Miruna-Silvia Stan is a PhD student in the first year at the Faculty of Biology, University of Bucharest. She began her research activity in 2009 in the Department of Biochemistry and Molecular Biology. Her PhD thesis involves the study of cytotoxicity of various synthesized nanomaterials (TiO2 nanotubes and silicon quantum dots) in order to provide new biochemical and molecular mechanisms involved in regulating redox homeostasis and cell proliferation. In addition, her interest in the field of nanotube biocompatibility was well appreciated at International Congresses.

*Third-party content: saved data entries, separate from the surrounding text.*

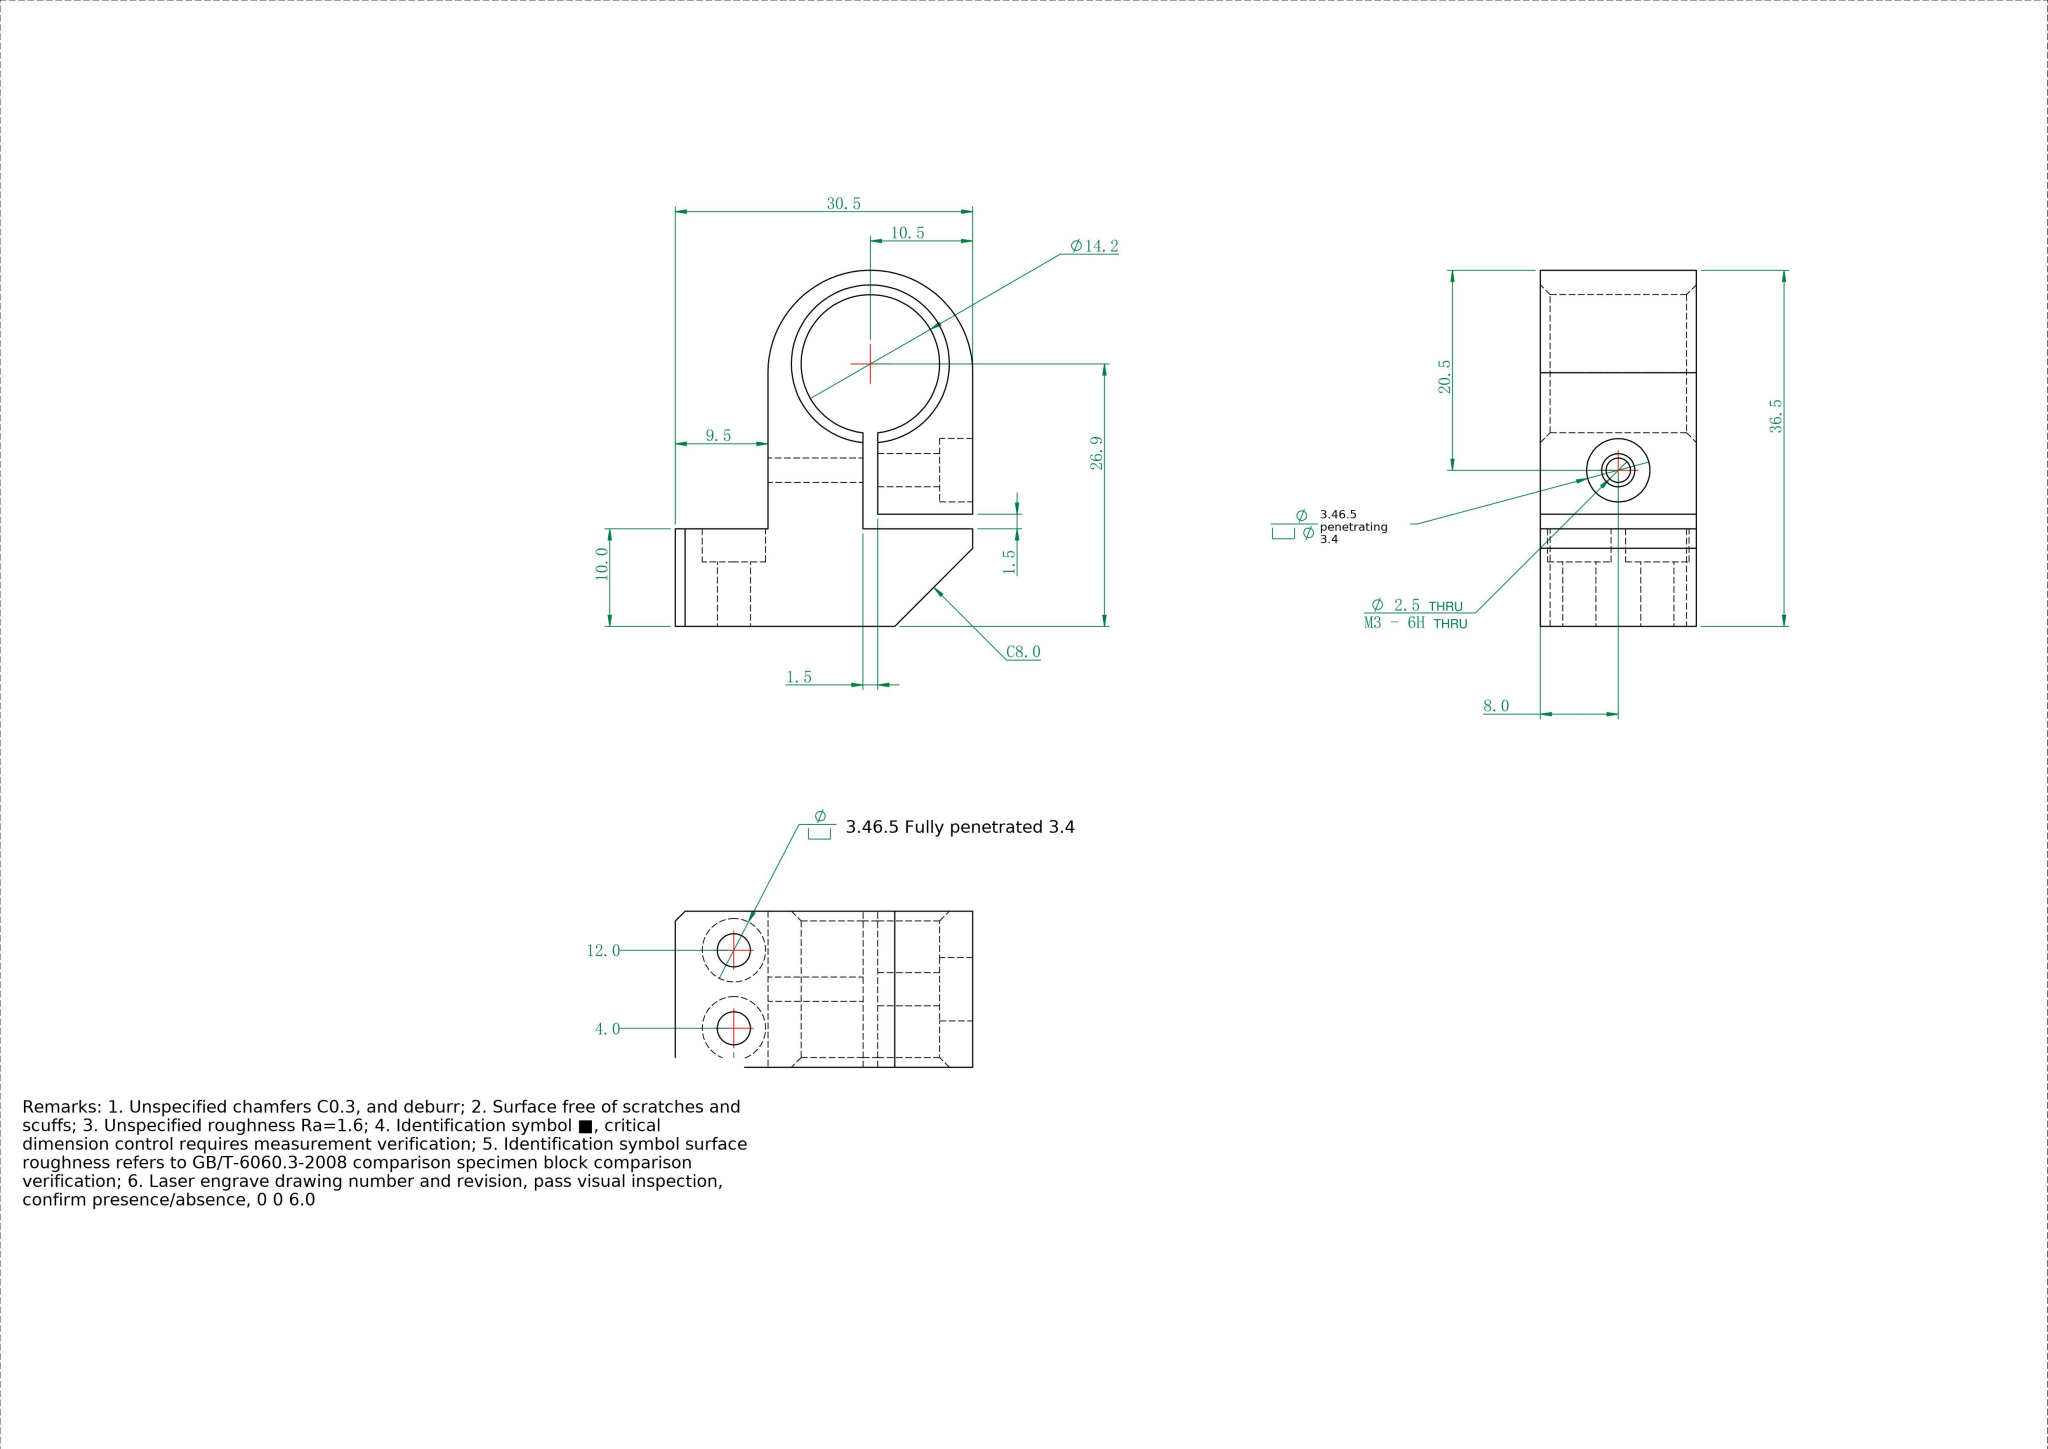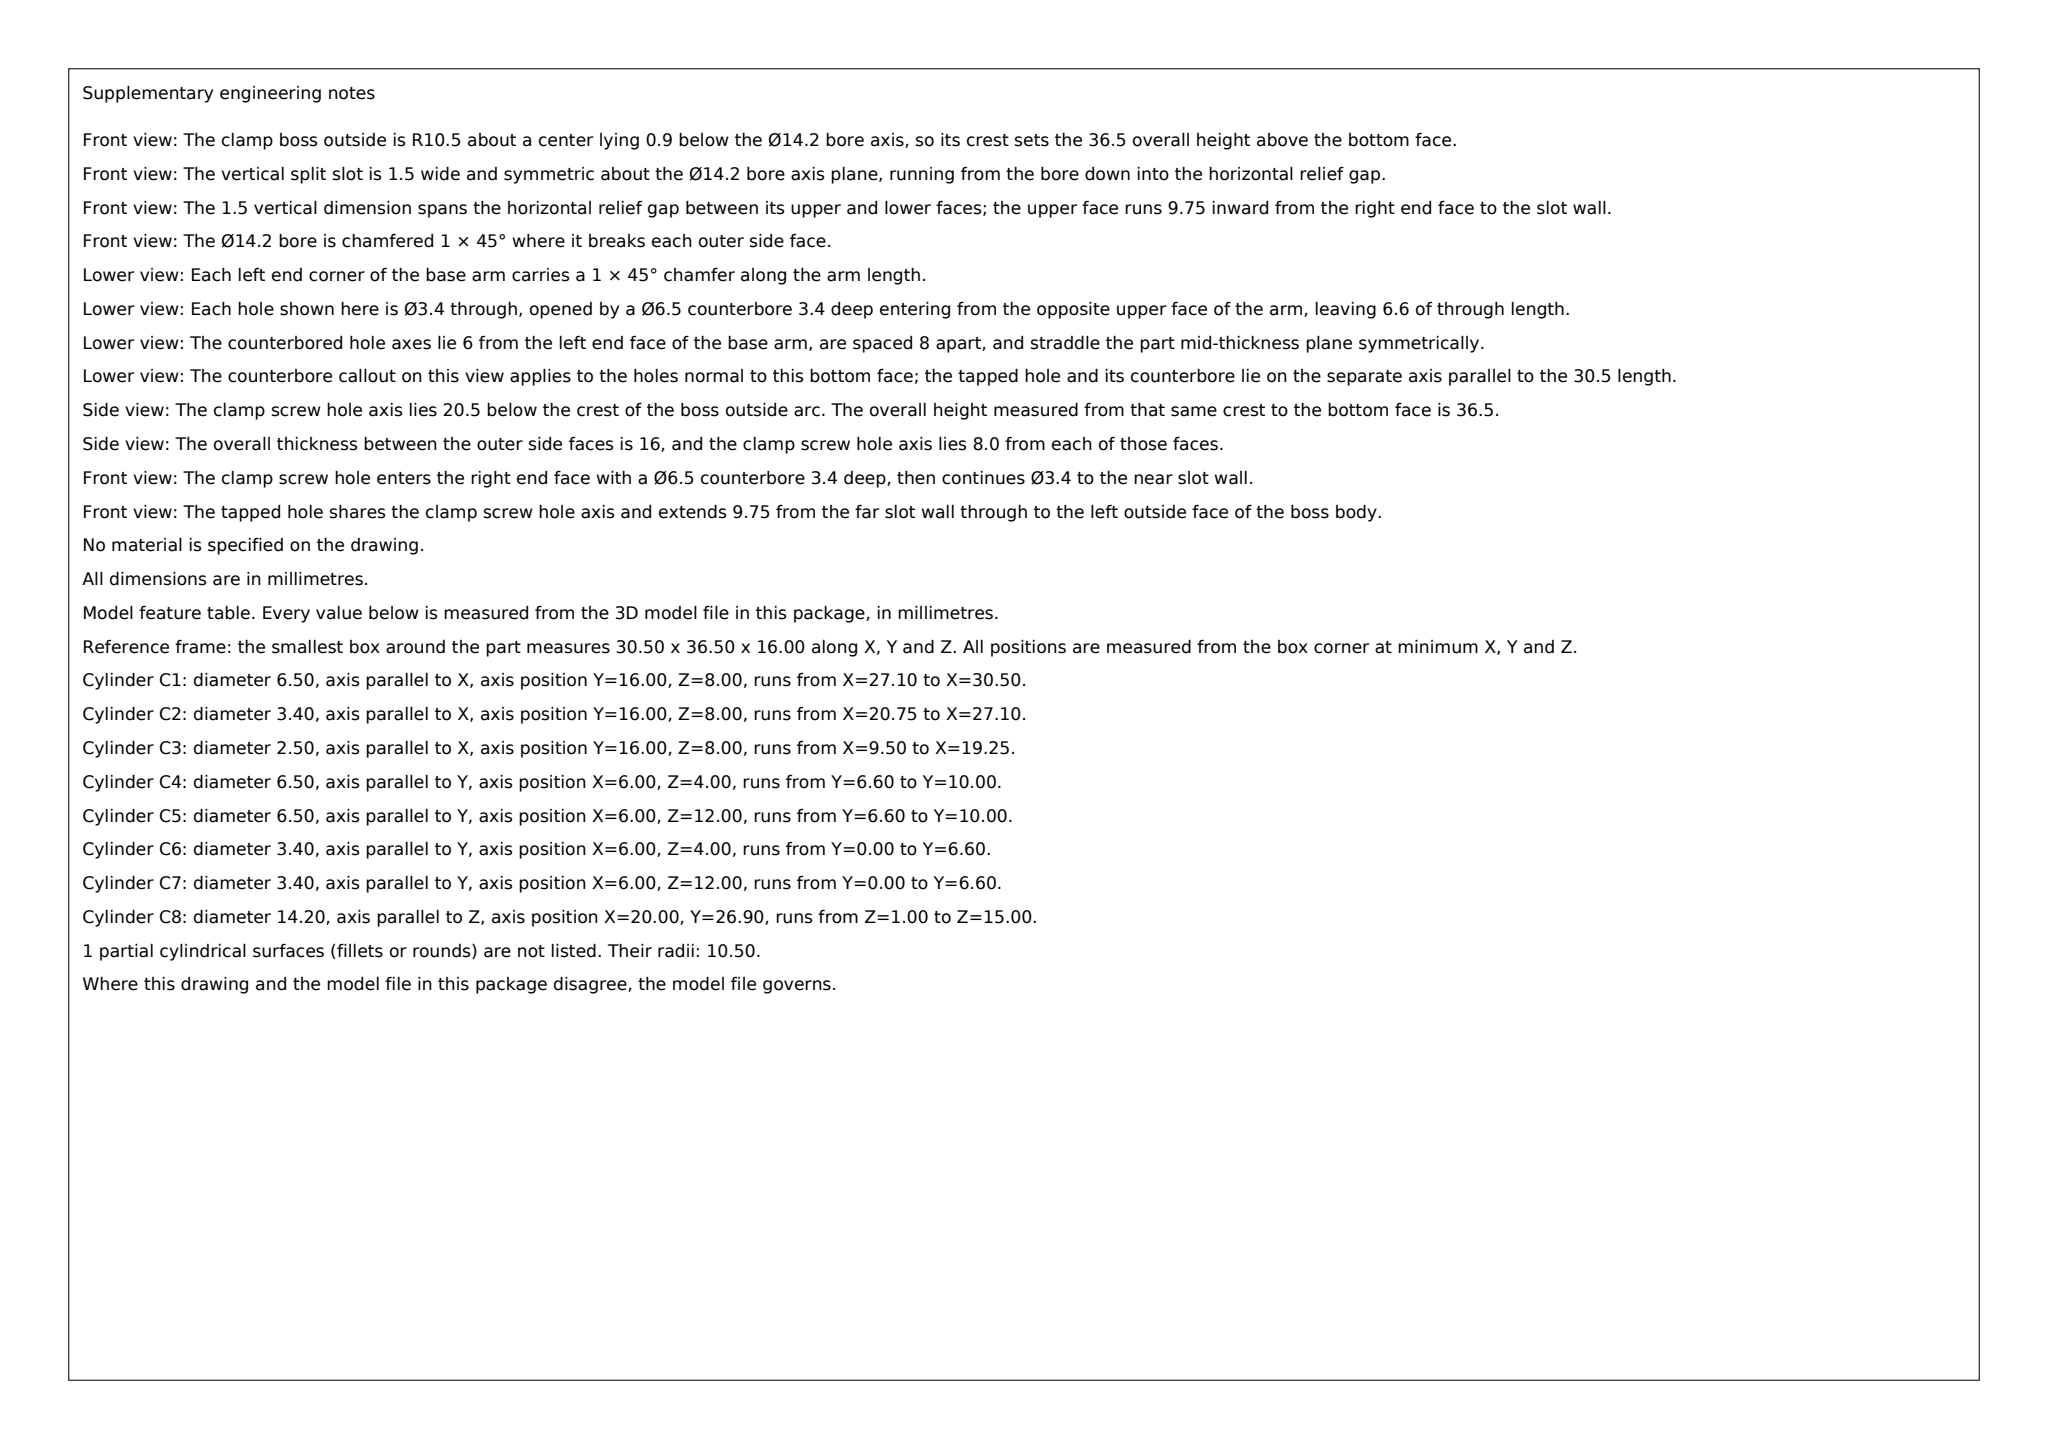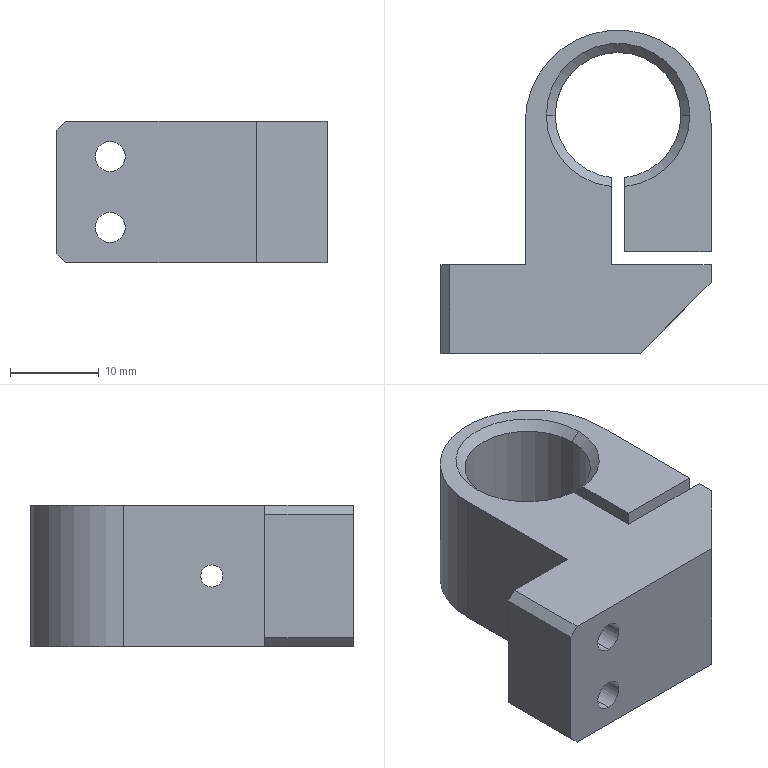Part | SolidWorks | mm | 1 solid | 42 faces | box 30.5 x 36.5 x 16 mm | volume 8892 mm3 | cylinder 18 | plane 18 | cone 6 | commonest cylinder face diameters 6.5 x6 3.4 x6 14.2 x3 2.5 x2 21 x1
Drawing notes:
STOCK 30.5 X 36.5 X 16.0 | from the solid: bbox_xyz [30.5,36.5,16.0]
STEP 1.5 HIGH ABV 10.0 BASE (TOP 11.5), X9.5 TO X27.1 | from the solid: y planes 10.0 & 11.5; x planes 9.5 & 27.1
CLAMP HEAD OD Ø21.0, ARC CL 26.0 ABV BASE (0.9 BELOW Ø14.2 CL 26.9) | from the solid: cyl Ø21.0 axis z at [20.0,26.0]; Ø14.2 bore at [20.0,26.9]
CLAMP SLOT 1.5 WIDE THRU, SYM ABOUT Ø14.2 BORE CL X=20.0 | from the solid: x planes 19.25 & 20.75 = 1.5 gap centered on bore axis x=20.0
2X Ø3.4 THRU BASE, CBORE Ø6.5 DP 3.4 BOTH ENDS, AT X6.0, Z4.0 & Z12.0 | from the solid: cyl 3.4 axis y at (6.0,4.0) & (6.0,12.0) L6.6; cyl 6.5 axis y same pos L3.4, 2 ea
SIDE HOLE CL Y16.0, Z8.0: Ø2.5 THRU, M3-6H; Ø3.4 DP 9.75 EA END | from the solid: cyl 2.5 axis x (y16,z8) L9.75; cyl 3.4 axis x L6.35 behind Ø6.5 CBORE 3.4
SIDE HOLE CBORE Ø6.5 DP 3.4 BOTH ENDS; M3 THD LG 11.0 CTR OF 30.5 | from the solid: cyl 6.5 axis x L3.4 count 2; 30.5-2x9.75=11.0 central Ø2.5 section
build123d program:
from build123d import *

# Parameters (mm, degrees)
BOSS_EXTRUDE1_DEPTH                             = 16
SKETCH2_W                                       = 16
SKETCH2_H                                       = 10
BOSS_EXTRUDE2_DEPTH                             = 9.5
CUT_EXTRUDE1_DEPTH                              = 32.449
SKETCH4_W                                       = 7.1
SKETCH4_H                                       = 16
M3_HEX_SOCKET_HEAD_CAP_SCREW_CBORE1_D           = 3.4
M3_HEX_SOCKET_HEAD_CAP_SCREW_CBORE1_CBORE_D     = 6.5
M3_HEX_SOCKET_HEAD_CAP_SCREW_CBORE1_CBORE_DEPTH = 3.4
M3_TAPPED_HOLE1_D                               = 2.5
M3_TAPPED_HOLE1_DEPTH                           = 9.75
M3_HEX_SOCKET_HEAD_CAP_SCREW_CBORE2_D           = 3.4
M3_HEX_SOCKET_HEAD_CAP_SCREW_CBORE2_DEPTH       = 9.75
M3_HEX_SOCKET_HEAD_CAP_SCREW_CBORE2_CBORE_D     = 6.5
M3_HEX_SOCKET_HEAD_CAP_SCREW_CBORE2_CBORE_DEPTH = 3.4
CHAMFER1_SIZE                                   = 1
CHAMFER2_SIZE                                   = 8


with BuildPart() as part:
    # Sketch1 → Boss-Extrude1 (new body)
    with BuildSketch(Plane(origin=(0, 0, -8), x_dir=(-1, 0, 0), z_dir=(0, 0, -1))):
        with BuildLine():
            Line((-10.5, -18.25), (10.5, -18.25))
            Line((10.5, -18.25), (10.5, 7.75))
            ThreePointArc((10.5, 7.75), (0, 18.25), (-10.5, 7.75))
            Line((-10.5, 7.75), (-10.5, -18.25))
        make_face()
    extrude(amount=-BOSS_EXTRUDE1_DEPTH)

    # Sketch2 → Boss-Extrude2 (add)
    with BuildSketch(Plane.ZY.offset(10.5)):
        with Locations((0, -13.25)):
            Rectangle(SKETCH2_W, SKETCH2_H)
    extrude(amount=BOSS_EXTRUDE2_DEPTH)

    # Sketch3 → Cut-Extrude1 (cut, through all)
    with BuildSketch(Plane.XY.offset(8)):
        with BuildLine():
            Line((10.5, -8.25), (10.5, -6.75))
            Line((10.5, -6.75), (0.75, -6.75))
            Line((0.75, -6.75), (0.75, 1.59))
            ThreePointArc((0.75, 1.59), (0, 1.55), (-0.75, 1.59))
            Line((-0.75, 1.59), (-0.75, -8.25))
            Line((-0.75, -8.25), (10.5, -8.25))
        make_face()
    extrude(amount=-CUT_EXTRUDE1_DEPTH, mode=Mode.SUBTRACT)

    # Sketch4 → Cut-Revolve1 (revolve, cut)
    with BuildSketch(Plane(origin=(0, 8.65, 0), x_dir=(1, 0, 0), z_dir=(0, 1, 0))):
        with Locations((3.55, 0)):
            Rectangle(SKETCH4_W, SKETCH4_H)
    revolve(axis=Axis((0, 8.65, -8), (0, 0, 1)), mode=Mode.SUBTRACT)

    # M3 Hex Socket Head Cap Screw CBORE1 (through all)
    with Locations(Plane(origin=(0, -8.25, 0), x_dir=(1, 0, 0), z_dir=(0, 1, 0))):
        with Locations((-14, -4), (-14, 4)):
            CounterBoreHole(M3_HEX_SOCKET_HEAD_CAP_SCREW_CBORE1_D / 2, M3_HEX_SOCKET_HEAD_CAP_SCREW_CBORE1_CBORE_D / 2, M3_HEX_SOCKET_HEAD_CAP_SCREW_CBORE1_CBORE_DEPTH)

    # M3 Tapped Hole1
    with Locations(Plane.ZY.offset(10.5)):
        with Locations((0, -2.25)):
            Hole(M3_TAPPED_HOLE1_D / 2, depth=M3_TAPPED_HOLE1_DEPTH)

    # M3 Hex Socket Head Cap Screw CBORE2
    with Locations(Plane(origin=(10.5, 0, 0), x_dir=(0, 0, -1), z_dir=(1, 0, 0))):
        with Locations((0, -2.25)):
            CounterBoreHole(M3_HEX_SOCKET_HEAD_CAP_SCREW_CBORE2_D / 2, M3_HEX_SOCKET_HEAD_CAP_SCREW_CBORE2_CBORE_D / 2, M3_HEX_SOCKET_HEAD_CAP_SCREW_CBORE2_CBORE_DEPTH, depth=M3_HEX_SOCKET_HEAD_CAP_SCREW_CBORE2_DEPTH)

    # Chamfer1
    chamfer1_edges = [part.edges().sort_by_distance(p)[0] for p in [
        (-20, -13.25, -8),
        (-20, -13.25, 8),
        (0, 15.75, -8),
        (0, 15.75, 8),
    ]]
    chamfer(chamfer1_edges, length=CHAMFER1_SIZE)

    # Chamfer2
    chamfer2_edges = [part.edges().sort_by_distance(p)[0] for p in [
        (10.5, -18.25, 0),
    ]]
    chamfer(chamfer2_edges, length=CHAMFER2_SIZE)


solid = part.part

Anca Dinischiotu is a full professor at the Faculty of Biology from the University of Bucharest, a Senior Researcher in the Department of Biochemistry and Molecular Biology and director of numerous national and international grants. She attended post-doc fellowships at Catholic University in Leuven, Belgium, and at Paris XI University in France. She led numerous research projects in molecular toxicology and tissue biocompatibility, and her vast experience in these fields comprises over 50 papers in ISI rated journals, books and patents.